Zwar gehören die Festgenommenen auch nach Informationen der "Nowaja Gaseta" zum mutmaßlichen Täterkreis, doch anders als die Generalstaatsanwaltschaft vermutet sie die Drahtzieher nicht im Ausland. Es handle sich nicht um eine Verschwörung, sondern schlichtweg um "Korruption und die totale Verstrickung zwischen denjenigen Organen, die das Recht verteidigen sollten, und der Kriminalität", sprich, der grauen Unterwelt, über die Politkowskaja so oft geschrieben hat. Sie sei das Opfer eines gezielten Auftragmordes - durchgeführt von Professionellen mit langjährigen Erfahrungen, die wissen, "wie man derartige Probleme löst".
Resignation über die Frage nach den Drahtziehern
Der Geheimdienstmitarbeiter, der sich unter den Festgenommenen befindet, sei laut "Nowaja Gaseta" kein "ehemaliger - soviel steht fest". Doch wer hat den FSB-Mitarbeiter, der Politkowskaja beschattet hatte, im August 2006 zu ihrer Wohnung bestellt? Wer gehört zu den Drahtziehern der Offiziere der Hauptverwaltung der Kriminalitätsbekämpfung? "Auf diese Fragen werden wir wohl nie eine Antwort bekommen", schreibt der Chef-Redakteur Sergej Sokolow.
Mittlerweile hat die Staatsanwaltschaft zwei der zehn Festgenommen freigelassen und vier der Verdächtigen angeklagt, Politkowskaja ermordet zu haben. Drei der Angeklagten sind Brüder aus Tschetschenien. Allerdings erklärt Murad Musajew, der Anwalt der Brüder, in einem Interview mit dem unabhängigen Radiosender Echo Moskwi, sein Klient Dschabrail Mukhmadow sei am 7. Oktober 2006, als die Journalistin in ihrem Hauseingang erschossen wurde, nicht in Moskau gewesen.

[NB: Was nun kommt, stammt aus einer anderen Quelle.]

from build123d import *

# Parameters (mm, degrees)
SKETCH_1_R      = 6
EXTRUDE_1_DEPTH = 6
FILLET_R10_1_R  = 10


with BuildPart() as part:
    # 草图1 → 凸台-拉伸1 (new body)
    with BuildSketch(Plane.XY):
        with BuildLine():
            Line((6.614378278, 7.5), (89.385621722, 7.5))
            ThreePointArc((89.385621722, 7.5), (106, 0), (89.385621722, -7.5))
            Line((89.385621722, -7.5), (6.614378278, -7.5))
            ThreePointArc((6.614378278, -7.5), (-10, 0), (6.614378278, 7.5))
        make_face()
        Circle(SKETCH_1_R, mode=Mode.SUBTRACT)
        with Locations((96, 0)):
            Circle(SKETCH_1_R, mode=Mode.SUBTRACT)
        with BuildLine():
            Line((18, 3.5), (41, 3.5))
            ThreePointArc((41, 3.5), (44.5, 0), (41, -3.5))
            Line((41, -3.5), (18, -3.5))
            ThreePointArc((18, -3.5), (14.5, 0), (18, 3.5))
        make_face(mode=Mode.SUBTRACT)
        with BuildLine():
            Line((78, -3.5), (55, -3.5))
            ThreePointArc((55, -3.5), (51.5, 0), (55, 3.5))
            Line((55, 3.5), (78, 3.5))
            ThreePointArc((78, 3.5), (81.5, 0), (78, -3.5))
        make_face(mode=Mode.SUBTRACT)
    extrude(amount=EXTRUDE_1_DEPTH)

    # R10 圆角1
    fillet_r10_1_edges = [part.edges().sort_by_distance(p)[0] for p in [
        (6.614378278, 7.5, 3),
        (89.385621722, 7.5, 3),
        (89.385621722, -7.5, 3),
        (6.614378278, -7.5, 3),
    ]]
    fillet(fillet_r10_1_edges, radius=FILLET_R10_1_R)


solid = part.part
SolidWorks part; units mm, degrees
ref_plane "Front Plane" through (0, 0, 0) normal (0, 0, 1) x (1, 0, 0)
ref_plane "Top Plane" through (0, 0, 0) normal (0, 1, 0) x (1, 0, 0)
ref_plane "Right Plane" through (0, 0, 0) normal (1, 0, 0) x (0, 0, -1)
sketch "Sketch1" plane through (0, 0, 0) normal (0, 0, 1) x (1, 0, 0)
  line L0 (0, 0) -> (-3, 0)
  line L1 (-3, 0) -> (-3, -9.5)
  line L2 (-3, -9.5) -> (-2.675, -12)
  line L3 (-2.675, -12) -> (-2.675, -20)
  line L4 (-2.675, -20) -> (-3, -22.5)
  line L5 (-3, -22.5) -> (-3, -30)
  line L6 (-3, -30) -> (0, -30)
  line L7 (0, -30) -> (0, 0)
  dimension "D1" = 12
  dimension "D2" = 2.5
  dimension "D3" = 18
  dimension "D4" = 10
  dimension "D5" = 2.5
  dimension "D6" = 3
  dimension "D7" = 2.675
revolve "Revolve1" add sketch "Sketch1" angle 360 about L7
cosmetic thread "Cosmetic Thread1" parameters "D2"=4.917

Er habe seine Eltern in Tschetschenien besucht. Der älteste Bruder sei in jenen Tagen im Krankenhaus gewesen, könne sich aber nicht erinnern, zu welchem Zeitpunkt er entlassen worden sei.
Die russische Presse hatte am Tag nach den Festnahmen der mutmaßlichen Mörder der Enthüllungsjournalistin auf das Ausland gezeigt. Dort würden sich die Hintermänner des Mordes aufhalten. Dem Putin-Gegner Boris Beresowski sei aus seinem Londoner Exil ein genialer Medien-Coup gelungen. Sein Motiv: die russische Führung zu stürzen.